# simplegdbmio: my first useful program, check it out!



## lockfile (Oct 21, 2012)

I wrote this program to finally test out my c skills. I know I still have none, but at least I finally managed to write something useful. The hardest point was getting my head wrapped around pointers. I spent about 4 days writing the program and about 2 days messing around with the pointers. Pitiful I know.

I personally am going to use it for some scripts I got lying around here. This program can by like the pgsql or mysql command line tools to access PGSQL AND MYSQL databases. Can I call it gdbmnosql? Well, nonetheless, this program will have plenty of improvements in the future. The code seems noobish, as I only know the basics of good design practices. 

And thanks in advance for the comments!


Synopsis
        [cmd=]simplegdbmio gdbmfile "key string"[/cmd]
        [cmd=]simplegdbmio gdbmfile "key string" "value string"[/cmd]

Purpose
Write or read simple key value pairs to a gdbm database. To read use two arguments.
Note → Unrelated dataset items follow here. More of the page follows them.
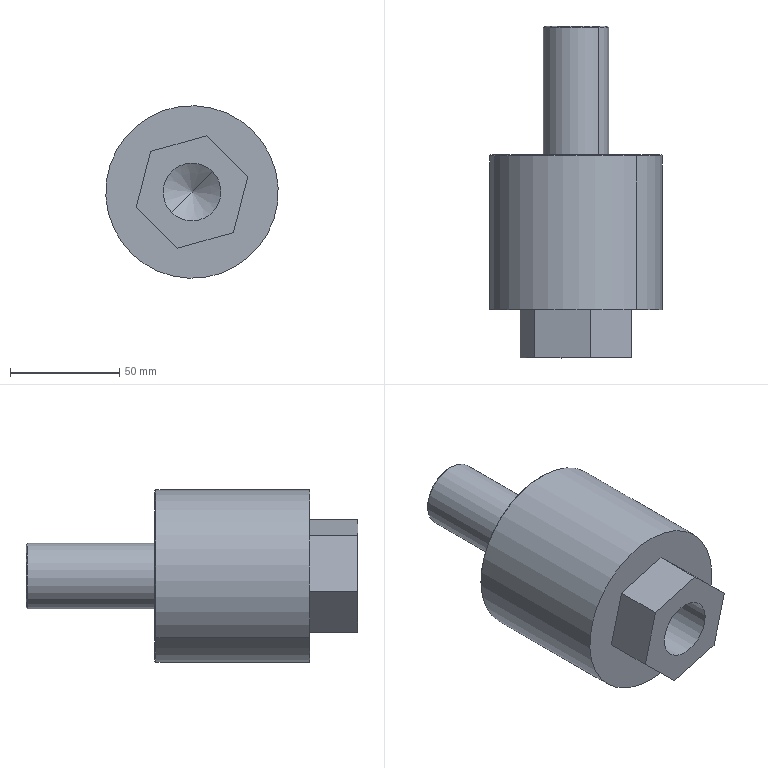Component | SolidWorks | FloatingJointJA140-30-150-1 | 1 solid | 22 faces | box 79 x 152 x 79 mm | volume 405367 mm3 | plane 10 | cylinder 6 | cone 6 | commonest cylinder face diameters 26.5 x2 79 x2 30 x2
STEP:
#1=CARTESIAN_POINT('',(-3.638,47.083,27.291));
#2=VERTEX_POINT('',#1);
#3=CARTESIAN_POINT('',(-4.368,47.083,26.546));
#4=VERTEX_POINT('',#3);
#5=CARTESIAN_POINT('',(-4.003,47.083,26.918));
#6=DIRECTION('',(-0.,-1.,0.));
#7=DIRECTION('',(-0.7002,0.,-0.7139));
#8=AXIS2_PLACEMENT_3D('',#5,#6,#7);
#9=CIRCLE('',#8,0.5217);
#10=EDGE_CURVE('',#2,#4,#9,.T.);
#11=ORIENTED_EDGE('',*,*,#10,.F.);
#12=CARTESIAN_POINT('',(-3.638,45.429,27.291));
#13=VERTEX_POINT('',#12);
#14=CARTESIAN_POINT('',(-3.638,45.429,27.291));
#15=DIRECTION('',(-0.,-1.,0.));
#16=VECTOR('',#15,39.37);
#17=LINE('',#14,#16);
#18=EDGE_CURVE('',#2,#13,#17,.T.);
#19=ORIENTED_EDGE('',*,*,#18,.T.);
#20=CARTESIAN_POINT('',(-4.368,45.429,26.546));
#21=VERTEX_POINT('',#20);
#22=CARTESIAN_POINT('',(-4.003,45.429,26.918));
#23=DIRECTION('',(-0.,-1.,0.));
#24=DIRECTION('',(-0.7002,0.,-0.7139));
#25=AXIS2_PLACEMENT_3D('',#22,#23,#24);
#26=CIRCLE('',#25,0.5217);
#27=EDGE_CURVE('',#13,#21,#26,.T.);
#28=ORIENTED_EDGE('',*,*,#27,.T.);
#29=CARTESIAN_POINT('',(-4.368,45.429,26.546));
#30=DIRECTION('',(-0.,-1.,0.));
#31=VECTOR('',#30,39.37);
#32=LINE('',#29,#31);
#33=EDGE_CURVE('',#4,#21,#32,.T.);
#34=ORIENTED_EDGE('',*,*,#33,.F.);
#35=EDGE_LOOP('',(#11,#19,#28,#34));
#36=FACE_OUTER_BOUND('',#35,.T.);
#37=CARTESIAN_POINT('',(-4.003,45.429,26.918));
#38=DIRECTION('',(-0.,-1.,0.));
#39=DIRECTION('',(-0.7002,0.,-0.7139));
#40=AXIS2_PLACEMENT_3D('',#37,#38,#39);
#41=CYLINDRICAL_SURFACE('',#40,0.5217);
#42=ADVANCED_FACE('',(#36),#41,.F.);
#43=CARTESIAN_POINT('',(-4.003,47.396,26.918));
#44=VERTEX_POINT('',#43);
#45=CARTESIAN_POINT('',(-4.368,47.083,26.546));
#46=DIRECTION('',(-0.6002,-0.515,-0.6119));
#47=VECTOR('',#46,39.37);
#48=LINE('',#45,#47);
#49=EDGE_CURVE('',#44,#4,#48,.T.);
#50=ORIENTED_EDGE('',*,*,#49,.F.);
#51=CARTESIAN_POINT('',(-3.638,47.083,27.291));
#52=DIRECTION('',(0.6002,-0.515,0.6119));
#53=VECTOR('',#52,39.37);
#54=LINE('',#51,#53);
#55=EDGE_CURVE('',#44,#2,#54,.T.);
#56=ORIENTED_EDGE('',*,*,#55,.T.);
#57=ORIENTED_EDGE('',*,*,#10,.T.);
#58=EDGE_LOOP('',(#50,#56,#57));
#59=FACE_OUTER_BOUND('',#58,.T.);
#60=CARTESIAN_POINT('',(-4.003,47.083,26.918));
#61=DIRECTION('',(-0.,-1.,0.));
#62=DIRECTION('',(-0.7002,0.,-0.7139));
#63=AXIS2_PLACEMENT_3D('',#60,#61,#62);
#64=CONICAL_SURFACE('',#63,0.5217,1.03);
#65=ADVANCED_FACE('',(#59),#64,.F.);
#66=CARTESIAN_POINT('',(-3.603,51.413,27.326));
#67=VERTEX_POINT('',#66);
#68=CARTESIAN_POINT('',(-4.403,51.413,26.511));
#69=VERTEX_POINT('',#68);
#70=CARTESIAN_POINT('',(-4.003,51.413,26.918));
#71=DIRECTION('',(0.,1.,-0.));
#72=DIRECTION('',(0.7002,0.,0.7139));
#73=AXIS2_PLACEMENT_3D('',#70,#71,#72);
#74=CIRCLE('',#73,0.5709);
#75=EDGE_CURVE('',#67,#69,#74,.T.);
#76=ORIENTED_EDGE('',*,*,#75,.F.);
#77=CARTESIAN_POINT('',(-3.59,51.394,27.34));
#78=VERTEX_POINT('',#77);
#79=CARTESIAN_POINT('',(-3.59,51.394,27.34));
#80=DIRECTION('',(0.4951,-0.7071,0.5048));
#81=VECTOR('',#80,39.37);
#82=LINE('',#79,#81);
#83=EDGE_CURVE('',#67,#78,#82,.T.);
#84=ORIENTED_EDGE('',*,*,#83,.T.);
#85=CARTESIAN_POINT('',(-4.417,51.394,26.497));
#86=VERTEX_POINT('',#85);
#87=CARTESIAN_POINT('',(-4.003,51.394,26.918));
#88=DIRECTION('',(-0.,-1.,0.));
#89=DIRECTION('',(0.7002,0.,0.7139));
#90=AXIS2_PLACEMENT_3D('',#87,#88,#89);
#91=CIRCLE('',#90,0.5906);
#92=EDGE_CURVE('',#86,#78,#91,.T.);
#93=ORIENTED_EDGE('',*,*,#92,.F.);
#94=CARTESIAN_POINT('',(-4.417,51.394,26.497));
#95=DIRECTION('',(-0.4951,-0.7071,-0.5048));
#96=VECTOR('',#95,39.37);
#97=LINE('',#94,#96);
#98=EDGE_CURVE('',#69,#86,#97,.T.);
#99=ORIENTED_EDGE('',*,*,#98,.F.);
#100=EDGE_LOOP('',(#76,#84,#93,#99));
#101=FACE_OUTER_BOUND('',#100,.T.);
#102=CARTESIAN_POINT('',(-4.003,51.394,26.918));
#103=DIRECTION('',(-0.,-1.,0.));
#104=DIRECTION('',(-0.7002,0.,-0.7139));
#105=AXIS2_PLACEMENT_3D('',#102,#103,#104);
#106=CONICAL_SURFACE('',#105,0.5906,0.7854);
#107=ADVANCED_FACE('',(#101),#106,.T.);
#108=CARTESIAN_POINT('',(-2.928,49.09,28.014));
#109=VERTEX_POINT('',#108);
#110=CARTESIAN_POINT('',(-5.078,49.09,25.822));
#111=VERTEX_POINT('',#110);
#112=CARTESIAN_POINT('',(-4.003,49.09,26.918));
#113=DIRECTION('',(0.,1.,-0.));
#114=DIRECTION('',(0.7002,0.,0.7139));
#115=AXIS2_PLACEMENT_3D('',#112,#113,#114);
#116=CIRCLE('',#115,1.535);
#117=EDGE_CURVE('',#109,#111,#116,.T.);
#118=ORIENTED_EDGE('',*,*,#117,.F.);
#119=CARTESIAN_POINT('',(-2.914,49.071,28.028));
#120=VERTEX_POINT('',#119);
#121=CARTESIAN_POINT('',(-2.914,49.071,28.028));
#122=DIRECTION('',(0.4951,-0.7071,0.5048));
#123=VECTOR('',#122,39.37);
#124=LINE('',#121,#123);
#125=EDGE_CURVE('',#109,#120,#124,.T.);
#126=ORIENTED_EDGE('',*,*,#125,.T.);
#127=CARTESIAN_POINT('',(-5.092,49.071,25.808));
#128=VERTEX_POINT('',#127);
#129=CARTESIAN_POINT('',(-4.003,49.071,26.918));
#130=DIRECTION('',(-0.,-1.,0.));
#131=DIRECTION('',(0.7002,0.,0.7139));
#132=AXIS2_PLACEMENT_3D('',#129,#130,#131);
#133=CIRCLE('',#132,1.555);
#134=EDGE_CURVE('',#128,#120,#133,.T.);
#135=ORIENTED_EDGE('',*,*,#134,.F.);
#136=CARTESIAN_POINT('',(-5.092,49.071,25.808));
#137=DIRECTION('',(-0.4951,-0.7071,-0.5048));
#138=VECTOR('',#137,39.37);
#139=LINE('',#136,#138);
#140=EDGE_CURVE('',#111,#128,#139,.T.);
#141=ORIENTED_EDGE('',*,*,#140,.F.);
#142=EDGE_LOOP('',(#118,#126,#135,#141));
#143=FACE_OUTER_BOUND('',#142,.T.);
#144=CARTESIAN_POINT('',(-4.003,49.071,26.918));
#145=DIRECTION('',(-0.,-1.,0.));
#146=DIRECTION('',(-0.7002,0.,-0.7139));
#147=AXIS2_PLACEMENT_3D('',#144,#145,#146);
#148=CONICAL_SURFACE('',#147,1.555,0.7854);
#149=ADVANCED_FACE('',(#143),#148,.T.);
#150=ORIENTED_EDGE('',*,*,#134,.T.);
#151=CARTESIAN_POINT('',(-2.914,46.295,28.028));
#152=VERTEX_POINT('',#151);
#153=CARTESIAN_POINT('',(-2.914,45.429,28.028));
#154=DIRECTION('',(-0.,-1.,0.));
#155=VECTOR('',#154,39.37);
#156=LINE('',#153,#155);
#157=EDGE_CURVE('',#120,#152,#156,.T.);
#158=ORIENTED_EDGE('',*,*,#157,.T.);
#159=CARTESIAN_POINT('',(-5.092,46.295,25.808));
#160=VERTEX_POINT('',#159);
#161=CARTESIAN_POINT('',(-4.003,46.295,26.918));
#162=DIRECTION('',(-0.,-1.,0.));
#163=DIRECTION('',(-0.7002,0.,-0.7139));
#164=AXIS2_PLACEMENT_3D('',#161,#162,#163);
#165=CIRCLE('',#164,1.555);
#166=EDGE_CURVE('',#160,#152,#165,.T.);
#167=ORIENTED_EDGE('',*,*,#166,.F.);
#168=CARTESIAN_POINT('',(-5.092,45.429,25.808));
#169=DIRECTION('',(-0.,-1.,0.));
#170=VECTOR('',#169,39.37);
#171=LINE('',#168,#170);
#172=EDGE_CURVE('',#128,#160,#171,.T.);
#173=ORIENTED_EDGE('',*,*,#172,.F.);
#174=EDGE_LOOP('',(#150,#158,#167,#173));
#175=FACE_OUTER_BOUND('',#174,.T.);
#176=CARTESIAN_POINT('',(-4.003,45.429,26.918));
#177=DIRECTION('',(-0.,-1.,0.));
#178=DIRECTION('',(-0.7002,0.,-0.7139));
#179=AXIS2_PLACEMENT_3D('',#176,#177,#178);
#180=CYLINDRICAL_SURFACE('',#179,1.555);
#181=ADVANCED_FACE('',(#175),#180,.T.);
#182=ORIENTED_EDGE('',*,*,#92,.T.);
#183=CARTESIAN_POINT('',(-3.59,49.09,27.34));
#184=VERTEX_POINT('',#183);
#185=CARTESIAN_POINT('',(-3.59,45.429,27.34));
#186=DIRECTION('',(-0.,-1.,0.));
#187=VECTOR('',#186,39.37);
#188=LINE('',#185,#187);
#189=EDGE_CURVE('',#78,#184,#188,.T.);
#190=ORIENTED_EDGE('',*,*,#189,.T.);
#191=CARTESIAN_POINT('',(-4.417,49.09,26.497));
#192=VERTEX_POINT('',#191);
#193=CARTESIAN_POINT('',(-4.003,49.09,26.918));
#194=DIRECTION('',(-0.,-1.,0.));
#195=DIRECTION('',(-0.7002,0.,-0.7139));
#196=AXIS2_PLACEMENT_3D('',#193,#194,#195);
#197=CIRCLE('',#196,0.5906);
#198=EDGE_CURVE('',#192,#184,#197,.T.);
#199=ORIENTED_EDGE('',*,*,#198,.F.);
#200=CARTESIAN_POINT('',(-4.417,45.429,26.497));
#201=DIRECTION('',(-0.,-1.,0.));
#202=VECTOR('',#201,39.37);
#203=LINE('',#200,#202);
#204=EDGE_CURVE('',#86,#192,#203,.T.);
#205=ORIENTED_EDGE('',*,*,#204,.F.);
#206=EDGE_LOOP('',(#182,#190,#199,#205));
#207=FACE_OUTER_BOUND('',#206,.T.);
#208=CARTESIAN_POINT('',(-4.003,45.429,26.918));
#209=DIRECTION('',(-0.,-1.,0.));
#210=DIRECTION('',(-0.7002,0.,-0.7139));
#211=AXIS2_PLACEMENT_3D('',#208,#209,#210);
#212=CYLINDRICAL_SURFACE('',#211,0.5906);
#213=ADVANCED_FACE('',(#207),#212,.T.);
#214=CARTESIAN_POINT('',(-4.003,51.413,26.918));
#215=DIRECTION('',(0.,1.,-0.));
#216=DIRECTION('',(0.7002,0.,0.7139));
#217=AXIS2_PLACEMENT_3D('',#214,#215,#216);
#218=CIRCLE('',#217,0.5709);
#219=EDGE_CURVE('',#69,#67,#218,.T.);
#220=ORIENTED_EDGE('',*,*,#219,.T.);
#221=ORIENTED_EDGE('',*,*,#75,.T.);
#222=EDGE_LOOP('',(#220,#221));
#223=FACE_OUTER_BOUND('',#222,.T.);
#224=CARTESIAN_POINT('',(-4.003,51.413,26.918));
#225=DIRECTION('',(0.,1.,-0.));
#226=DIRECTION('',(0.7002,-0.,0.7139));
#227=AXIS2_PLACEMENT_3D('',#224,#225,#226);
#228=PLANE('',#227);
#229=ADVANCED_FACE('',(#223),#228,.T.);
#230=ORIENTED_EDGE('',*,*,#189,.F.);
#231=CARTESIAN_POINT('',(-4.003,51.394,26.918));
#232=DIRECTION('',(-0.,-1.,0.));
#233=DIRECTION('',(0.7002,0.,0.7139));
#234=AXIS2_PLACEMENT_3D('',#231,#232,#233);
#235=CIRCLE('',#234,0.5906);
#236=EDGE_CURVE('',#78,#86,#235,.T.);
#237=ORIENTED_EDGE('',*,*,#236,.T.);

To write, use three arguments.

To install

```
cd <src dir>; make;
```
Then manually copy to your ~/bin folder


----------



## tmw (Oct 24, 2012)

Hello,
First thing 
gdbm is by default installed in /usr/local so I modify your Makefile to:


```
gcc -L/usr/local/lib -I/usr/local/include -o simplegdbmio simplegdbmio.c -lgdbm
```

Second thing 

```
[tmw@amszilas ~/simplegdbmio-1.0.0]$ ./simplegdbmio 
Segmentation fault: 11 (core dumped)
```
You are assuming that argv values will be in place. You should check if user provide arguments.

Third thing 

```
[tmw@amszilas ~/simplegdbmio-1.0.0]$ ./simplegdbmio gdbmfile "key string"
error: database failed to open
exitting....
Segmentation fault: 11 (core dumped)
```

if the gdbm file does not exist you are not exit the program and goes forward, you should exit to avoid this Segmentation fault.

Those are my comments for the first look at your code.


----------



## tmw (Oct 24, 2012)

Continue:


```
[tmw@amszilas /usr/home/tmw/simplegdbmio-1.0.0]$ ./simplegdbmio plik lala lala
error: database failed to open
exitting....
Segmentation fault: 11 (core dumped)
```

If file does not exists the program crash.


```
GDBM_FILE dbf =  gdbm_open(&argv[1][0],0,GDBM_WRITER,01700,NULL);
```

Why do you write &argv[1][0] and not just argv[1] ?


```
if ( !read_data(dbf,key)) // if read fails give error
     printf("error: reading GDBM file failed\n");
   }
```

This is not a bug but IMO error messages should go to the stderr.


----------



## lockfile (Oct 27, 2012)

Yea the program is very rudimentary. There is very little error checking throughout the entire program. It is a newb project after all, but yes, you're right. I will go in there and fix up some stuff. 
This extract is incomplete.